Headquarters, Washington, D.C.


April 6, 1993
(Phone: 202/358-0883)

Michael Finneran
Goddard Space Flight Center, Greenbelt, Md.
(Phone: 301/286-5565)

RELEASE: 93-63

SCIENTISTS REVEAL NATURE OF EXPLODING, RED SUPERGIANT STAR

NASA scientists have direct evidence that red supergiants --


the largest stars known -- end their existence in massive
explosions known as supernovae. Until this week, astronomers
could only speculate that these explosions represented the death
of such stars.

"It's a very exciting result and a tremendous advance for


stellar astronomy," said Dr.
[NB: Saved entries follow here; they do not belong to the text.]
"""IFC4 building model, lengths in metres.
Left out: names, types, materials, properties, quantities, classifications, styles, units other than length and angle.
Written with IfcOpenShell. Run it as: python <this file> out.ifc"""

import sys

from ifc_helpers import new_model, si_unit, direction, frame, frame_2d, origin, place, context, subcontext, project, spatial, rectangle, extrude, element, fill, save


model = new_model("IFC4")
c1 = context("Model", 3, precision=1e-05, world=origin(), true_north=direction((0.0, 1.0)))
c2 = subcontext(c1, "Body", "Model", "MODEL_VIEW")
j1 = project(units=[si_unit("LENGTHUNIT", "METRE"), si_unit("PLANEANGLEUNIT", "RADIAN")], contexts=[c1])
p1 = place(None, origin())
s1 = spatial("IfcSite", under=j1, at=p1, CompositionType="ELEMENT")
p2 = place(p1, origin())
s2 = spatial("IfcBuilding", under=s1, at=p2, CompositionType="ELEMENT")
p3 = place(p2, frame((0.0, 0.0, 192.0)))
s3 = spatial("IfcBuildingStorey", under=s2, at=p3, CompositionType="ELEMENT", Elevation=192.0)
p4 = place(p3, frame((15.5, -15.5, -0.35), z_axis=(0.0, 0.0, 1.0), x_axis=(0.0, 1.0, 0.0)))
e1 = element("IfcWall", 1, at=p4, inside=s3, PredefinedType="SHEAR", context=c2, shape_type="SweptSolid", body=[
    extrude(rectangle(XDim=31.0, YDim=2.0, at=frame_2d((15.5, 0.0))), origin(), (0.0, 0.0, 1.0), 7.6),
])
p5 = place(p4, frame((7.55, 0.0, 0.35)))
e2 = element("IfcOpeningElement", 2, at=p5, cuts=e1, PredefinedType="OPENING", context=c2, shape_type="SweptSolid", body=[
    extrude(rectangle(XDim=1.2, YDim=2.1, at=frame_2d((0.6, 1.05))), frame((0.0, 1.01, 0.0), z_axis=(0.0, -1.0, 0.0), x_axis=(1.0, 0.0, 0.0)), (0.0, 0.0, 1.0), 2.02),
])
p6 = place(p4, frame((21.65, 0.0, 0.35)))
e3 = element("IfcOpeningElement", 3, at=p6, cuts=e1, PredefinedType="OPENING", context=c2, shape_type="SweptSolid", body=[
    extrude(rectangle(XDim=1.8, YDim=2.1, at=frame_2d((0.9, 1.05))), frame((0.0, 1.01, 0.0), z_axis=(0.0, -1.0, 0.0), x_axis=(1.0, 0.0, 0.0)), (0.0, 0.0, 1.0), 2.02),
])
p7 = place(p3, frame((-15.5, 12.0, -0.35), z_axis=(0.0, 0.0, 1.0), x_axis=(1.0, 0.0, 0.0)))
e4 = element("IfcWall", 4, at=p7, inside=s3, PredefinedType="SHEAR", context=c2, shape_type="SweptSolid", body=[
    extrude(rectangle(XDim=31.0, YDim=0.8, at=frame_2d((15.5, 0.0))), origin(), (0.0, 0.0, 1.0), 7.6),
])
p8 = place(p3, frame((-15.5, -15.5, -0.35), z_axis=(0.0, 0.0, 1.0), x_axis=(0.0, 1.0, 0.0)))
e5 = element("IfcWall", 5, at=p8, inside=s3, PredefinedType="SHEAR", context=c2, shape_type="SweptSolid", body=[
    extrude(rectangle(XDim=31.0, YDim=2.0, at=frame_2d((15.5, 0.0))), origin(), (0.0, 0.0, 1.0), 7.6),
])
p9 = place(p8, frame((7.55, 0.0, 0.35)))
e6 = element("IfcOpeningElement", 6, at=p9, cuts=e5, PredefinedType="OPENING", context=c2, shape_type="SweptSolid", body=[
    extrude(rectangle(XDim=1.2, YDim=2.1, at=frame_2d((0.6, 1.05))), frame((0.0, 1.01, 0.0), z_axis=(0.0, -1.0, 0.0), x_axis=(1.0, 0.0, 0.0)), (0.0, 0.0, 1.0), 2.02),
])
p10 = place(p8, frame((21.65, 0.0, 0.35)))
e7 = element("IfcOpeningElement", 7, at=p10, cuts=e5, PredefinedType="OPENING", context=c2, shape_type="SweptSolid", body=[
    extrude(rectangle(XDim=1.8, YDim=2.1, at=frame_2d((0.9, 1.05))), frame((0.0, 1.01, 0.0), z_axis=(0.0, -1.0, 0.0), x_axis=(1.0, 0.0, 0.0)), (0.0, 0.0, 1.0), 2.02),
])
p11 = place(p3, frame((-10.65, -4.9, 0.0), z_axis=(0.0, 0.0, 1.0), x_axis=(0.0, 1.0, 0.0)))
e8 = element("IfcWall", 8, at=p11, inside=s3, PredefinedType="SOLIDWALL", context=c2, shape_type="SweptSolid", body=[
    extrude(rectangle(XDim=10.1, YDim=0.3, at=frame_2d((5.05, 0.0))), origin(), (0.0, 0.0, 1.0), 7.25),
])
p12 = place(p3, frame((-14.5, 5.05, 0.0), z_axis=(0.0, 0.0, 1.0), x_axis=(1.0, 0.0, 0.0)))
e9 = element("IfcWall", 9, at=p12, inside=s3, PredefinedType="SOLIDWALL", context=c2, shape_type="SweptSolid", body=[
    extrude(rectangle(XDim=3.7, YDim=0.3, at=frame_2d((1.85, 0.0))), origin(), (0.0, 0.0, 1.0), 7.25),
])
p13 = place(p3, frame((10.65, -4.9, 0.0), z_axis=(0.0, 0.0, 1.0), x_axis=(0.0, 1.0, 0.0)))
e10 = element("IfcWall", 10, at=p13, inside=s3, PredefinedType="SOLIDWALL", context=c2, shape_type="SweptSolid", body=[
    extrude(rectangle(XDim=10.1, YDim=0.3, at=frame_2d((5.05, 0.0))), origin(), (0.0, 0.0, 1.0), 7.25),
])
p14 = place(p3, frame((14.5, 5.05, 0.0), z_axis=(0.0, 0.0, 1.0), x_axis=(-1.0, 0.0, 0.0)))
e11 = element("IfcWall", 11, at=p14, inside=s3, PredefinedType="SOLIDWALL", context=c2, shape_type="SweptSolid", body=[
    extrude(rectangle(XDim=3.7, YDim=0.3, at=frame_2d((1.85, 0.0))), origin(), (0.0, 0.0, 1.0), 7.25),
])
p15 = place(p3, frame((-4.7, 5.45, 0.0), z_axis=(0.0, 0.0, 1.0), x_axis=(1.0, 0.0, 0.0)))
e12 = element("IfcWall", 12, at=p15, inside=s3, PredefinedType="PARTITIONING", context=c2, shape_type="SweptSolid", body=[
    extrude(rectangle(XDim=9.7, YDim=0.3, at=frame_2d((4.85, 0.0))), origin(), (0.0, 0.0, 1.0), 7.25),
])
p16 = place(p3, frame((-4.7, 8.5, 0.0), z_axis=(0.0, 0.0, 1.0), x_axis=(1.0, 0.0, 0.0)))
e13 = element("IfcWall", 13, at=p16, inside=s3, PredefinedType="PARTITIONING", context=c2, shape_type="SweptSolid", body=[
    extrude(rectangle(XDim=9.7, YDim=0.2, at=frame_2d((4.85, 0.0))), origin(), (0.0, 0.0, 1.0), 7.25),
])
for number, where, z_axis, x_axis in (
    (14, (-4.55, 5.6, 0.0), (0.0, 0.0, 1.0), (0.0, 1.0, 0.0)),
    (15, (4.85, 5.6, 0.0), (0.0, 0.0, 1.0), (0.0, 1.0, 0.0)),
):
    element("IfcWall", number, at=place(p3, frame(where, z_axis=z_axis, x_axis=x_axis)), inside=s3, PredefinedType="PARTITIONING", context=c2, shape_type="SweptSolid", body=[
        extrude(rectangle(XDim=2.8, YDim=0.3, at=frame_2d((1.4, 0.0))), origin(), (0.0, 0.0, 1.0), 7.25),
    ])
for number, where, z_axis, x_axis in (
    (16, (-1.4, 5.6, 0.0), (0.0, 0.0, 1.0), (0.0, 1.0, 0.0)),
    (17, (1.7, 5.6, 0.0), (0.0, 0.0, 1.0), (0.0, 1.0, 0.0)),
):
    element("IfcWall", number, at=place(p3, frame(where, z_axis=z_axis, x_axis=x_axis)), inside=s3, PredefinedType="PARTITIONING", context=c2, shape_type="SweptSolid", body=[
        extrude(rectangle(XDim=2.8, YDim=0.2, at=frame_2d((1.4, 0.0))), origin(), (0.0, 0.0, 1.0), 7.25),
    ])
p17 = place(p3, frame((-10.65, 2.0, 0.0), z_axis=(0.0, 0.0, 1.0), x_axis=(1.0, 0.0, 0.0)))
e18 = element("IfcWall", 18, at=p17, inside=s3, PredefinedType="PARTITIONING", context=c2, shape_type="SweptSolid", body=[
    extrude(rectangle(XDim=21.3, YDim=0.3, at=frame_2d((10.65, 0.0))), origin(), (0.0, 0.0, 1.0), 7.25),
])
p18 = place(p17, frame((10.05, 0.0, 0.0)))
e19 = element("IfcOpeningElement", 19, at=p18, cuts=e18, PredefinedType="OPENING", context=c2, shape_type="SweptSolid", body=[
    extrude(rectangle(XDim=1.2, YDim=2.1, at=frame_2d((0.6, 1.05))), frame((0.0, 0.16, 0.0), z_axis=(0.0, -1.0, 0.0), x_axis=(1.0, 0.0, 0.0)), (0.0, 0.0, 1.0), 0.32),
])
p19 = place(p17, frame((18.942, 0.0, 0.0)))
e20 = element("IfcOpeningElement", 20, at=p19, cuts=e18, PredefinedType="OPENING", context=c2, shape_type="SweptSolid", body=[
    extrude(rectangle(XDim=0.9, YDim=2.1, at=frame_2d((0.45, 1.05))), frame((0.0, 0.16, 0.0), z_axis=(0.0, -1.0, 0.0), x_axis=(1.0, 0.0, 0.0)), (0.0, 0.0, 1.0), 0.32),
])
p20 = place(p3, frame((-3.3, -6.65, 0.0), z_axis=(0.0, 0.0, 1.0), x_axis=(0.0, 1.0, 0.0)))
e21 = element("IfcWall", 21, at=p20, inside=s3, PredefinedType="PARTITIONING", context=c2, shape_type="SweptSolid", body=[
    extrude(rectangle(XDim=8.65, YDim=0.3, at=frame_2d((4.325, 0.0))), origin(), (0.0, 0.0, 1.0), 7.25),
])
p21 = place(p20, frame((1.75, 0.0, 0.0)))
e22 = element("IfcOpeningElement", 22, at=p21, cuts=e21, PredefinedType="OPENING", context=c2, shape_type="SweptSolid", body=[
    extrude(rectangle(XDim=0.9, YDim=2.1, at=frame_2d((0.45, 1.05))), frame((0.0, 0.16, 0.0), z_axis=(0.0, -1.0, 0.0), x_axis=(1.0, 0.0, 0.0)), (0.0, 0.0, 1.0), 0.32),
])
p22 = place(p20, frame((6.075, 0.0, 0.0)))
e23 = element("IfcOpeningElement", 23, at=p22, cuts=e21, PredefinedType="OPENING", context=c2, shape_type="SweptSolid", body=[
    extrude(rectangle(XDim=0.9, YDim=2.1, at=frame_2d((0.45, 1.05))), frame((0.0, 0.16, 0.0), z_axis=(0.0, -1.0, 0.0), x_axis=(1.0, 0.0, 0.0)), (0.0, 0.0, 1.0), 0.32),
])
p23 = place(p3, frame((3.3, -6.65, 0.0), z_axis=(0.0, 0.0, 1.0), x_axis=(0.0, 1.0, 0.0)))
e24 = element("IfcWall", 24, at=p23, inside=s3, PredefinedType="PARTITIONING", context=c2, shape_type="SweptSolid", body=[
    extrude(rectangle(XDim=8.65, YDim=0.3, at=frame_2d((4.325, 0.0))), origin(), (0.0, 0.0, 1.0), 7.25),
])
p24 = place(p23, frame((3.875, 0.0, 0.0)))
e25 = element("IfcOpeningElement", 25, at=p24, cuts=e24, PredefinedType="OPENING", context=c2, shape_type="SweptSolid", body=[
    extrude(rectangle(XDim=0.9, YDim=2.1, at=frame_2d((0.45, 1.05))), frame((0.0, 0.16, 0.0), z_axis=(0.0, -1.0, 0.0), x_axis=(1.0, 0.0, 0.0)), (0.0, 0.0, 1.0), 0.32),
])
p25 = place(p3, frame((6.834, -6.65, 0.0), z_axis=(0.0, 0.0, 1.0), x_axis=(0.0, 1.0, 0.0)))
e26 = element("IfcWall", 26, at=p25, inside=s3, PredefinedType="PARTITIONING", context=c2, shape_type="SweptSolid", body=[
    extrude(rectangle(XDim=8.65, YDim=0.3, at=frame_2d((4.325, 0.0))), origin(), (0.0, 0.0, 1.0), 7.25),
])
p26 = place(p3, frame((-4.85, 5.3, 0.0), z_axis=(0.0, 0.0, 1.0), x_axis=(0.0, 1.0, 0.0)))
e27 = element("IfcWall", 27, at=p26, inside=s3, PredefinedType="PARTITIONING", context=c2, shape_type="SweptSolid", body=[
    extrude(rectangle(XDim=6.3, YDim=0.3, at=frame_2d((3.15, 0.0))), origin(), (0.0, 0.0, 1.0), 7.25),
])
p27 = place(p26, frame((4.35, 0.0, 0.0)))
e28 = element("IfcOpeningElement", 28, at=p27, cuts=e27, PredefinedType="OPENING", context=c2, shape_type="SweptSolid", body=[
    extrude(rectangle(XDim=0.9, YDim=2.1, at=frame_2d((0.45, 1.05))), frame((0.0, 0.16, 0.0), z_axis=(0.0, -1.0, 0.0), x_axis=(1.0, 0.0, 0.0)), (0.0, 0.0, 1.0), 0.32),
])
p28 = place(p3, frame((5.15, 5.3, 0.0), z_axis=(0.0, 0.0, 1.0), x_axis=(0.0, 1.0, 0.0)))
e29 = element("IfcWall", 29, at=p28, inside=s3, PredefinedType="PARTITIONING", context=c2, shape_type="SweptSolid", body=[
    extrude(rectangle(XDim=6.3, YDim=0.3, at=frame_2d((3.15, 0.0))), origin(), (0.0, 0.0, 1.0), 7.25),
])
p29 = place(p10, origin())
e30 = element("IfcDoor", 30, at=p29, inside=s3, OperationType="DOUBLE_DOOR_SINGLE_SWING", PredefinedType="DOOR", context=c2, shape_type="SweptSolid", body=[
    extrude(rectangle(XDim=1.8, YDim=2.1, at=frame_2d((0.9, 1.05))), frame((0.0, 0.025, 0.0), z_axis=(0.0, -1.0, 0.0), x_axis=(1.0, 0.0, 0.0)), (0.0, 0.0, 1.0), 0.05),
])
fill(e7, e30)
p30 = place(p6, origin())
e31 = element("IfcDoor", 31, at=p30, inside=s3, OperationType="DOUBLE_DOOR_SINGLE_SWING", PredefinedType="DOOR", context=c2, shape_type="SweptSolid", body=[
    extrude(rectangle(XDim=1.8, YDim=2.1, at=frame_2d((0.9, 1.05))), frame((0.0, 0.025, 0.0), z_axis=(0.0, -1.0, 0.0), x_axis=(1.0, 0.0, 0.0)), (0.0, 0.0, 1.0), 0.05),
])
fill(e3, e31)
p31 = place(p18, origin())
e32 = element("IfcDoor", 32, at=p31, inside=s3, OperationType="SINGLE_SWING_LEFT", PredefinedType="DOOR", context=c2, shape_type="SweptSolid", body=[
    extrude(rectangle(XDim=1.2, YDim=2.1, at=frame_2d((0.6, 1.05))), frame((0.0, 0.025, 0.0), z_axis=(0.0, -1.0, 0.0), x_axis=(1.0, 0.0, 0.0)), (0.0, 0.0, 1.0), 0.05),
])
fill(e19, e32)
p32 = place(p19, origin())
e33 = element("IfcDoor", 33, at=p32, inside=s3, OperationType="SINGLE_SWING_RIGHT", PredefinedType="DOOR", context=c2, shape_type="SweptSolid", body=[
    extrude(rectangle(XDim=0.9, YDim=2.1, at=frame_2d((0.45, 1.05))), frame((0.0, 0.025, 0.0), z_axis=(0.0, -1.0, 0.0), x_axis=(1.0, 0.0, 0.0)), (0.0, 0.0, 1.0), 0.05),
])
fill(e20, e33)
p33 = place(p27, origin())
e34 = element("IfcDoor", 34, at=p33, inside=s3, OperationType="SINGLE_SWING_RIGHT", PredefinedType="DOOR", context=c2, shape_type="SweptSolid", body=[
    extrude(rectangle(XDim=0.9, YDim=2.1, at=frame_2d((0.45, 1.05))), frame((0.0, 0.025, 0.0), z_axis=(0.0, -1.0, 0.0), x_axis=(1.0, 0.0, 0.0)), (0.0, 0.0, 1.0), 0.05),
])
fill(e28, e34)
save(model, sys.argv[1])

George Sonneborn, of NASA's Goddard
Space Flight Center, Greenbelt, Md.

"This substantiates decades of work in stellar structure


theory," said Sonneborn, a research scientist for NASA's
International Ultraviolet Explorer (IUE) satellite, which obtained
the new evidence through observations of a new supernova on March
30. "It has long been suspected that red supergiants explode to
become supernovae. Now we have first-hand evidence of that."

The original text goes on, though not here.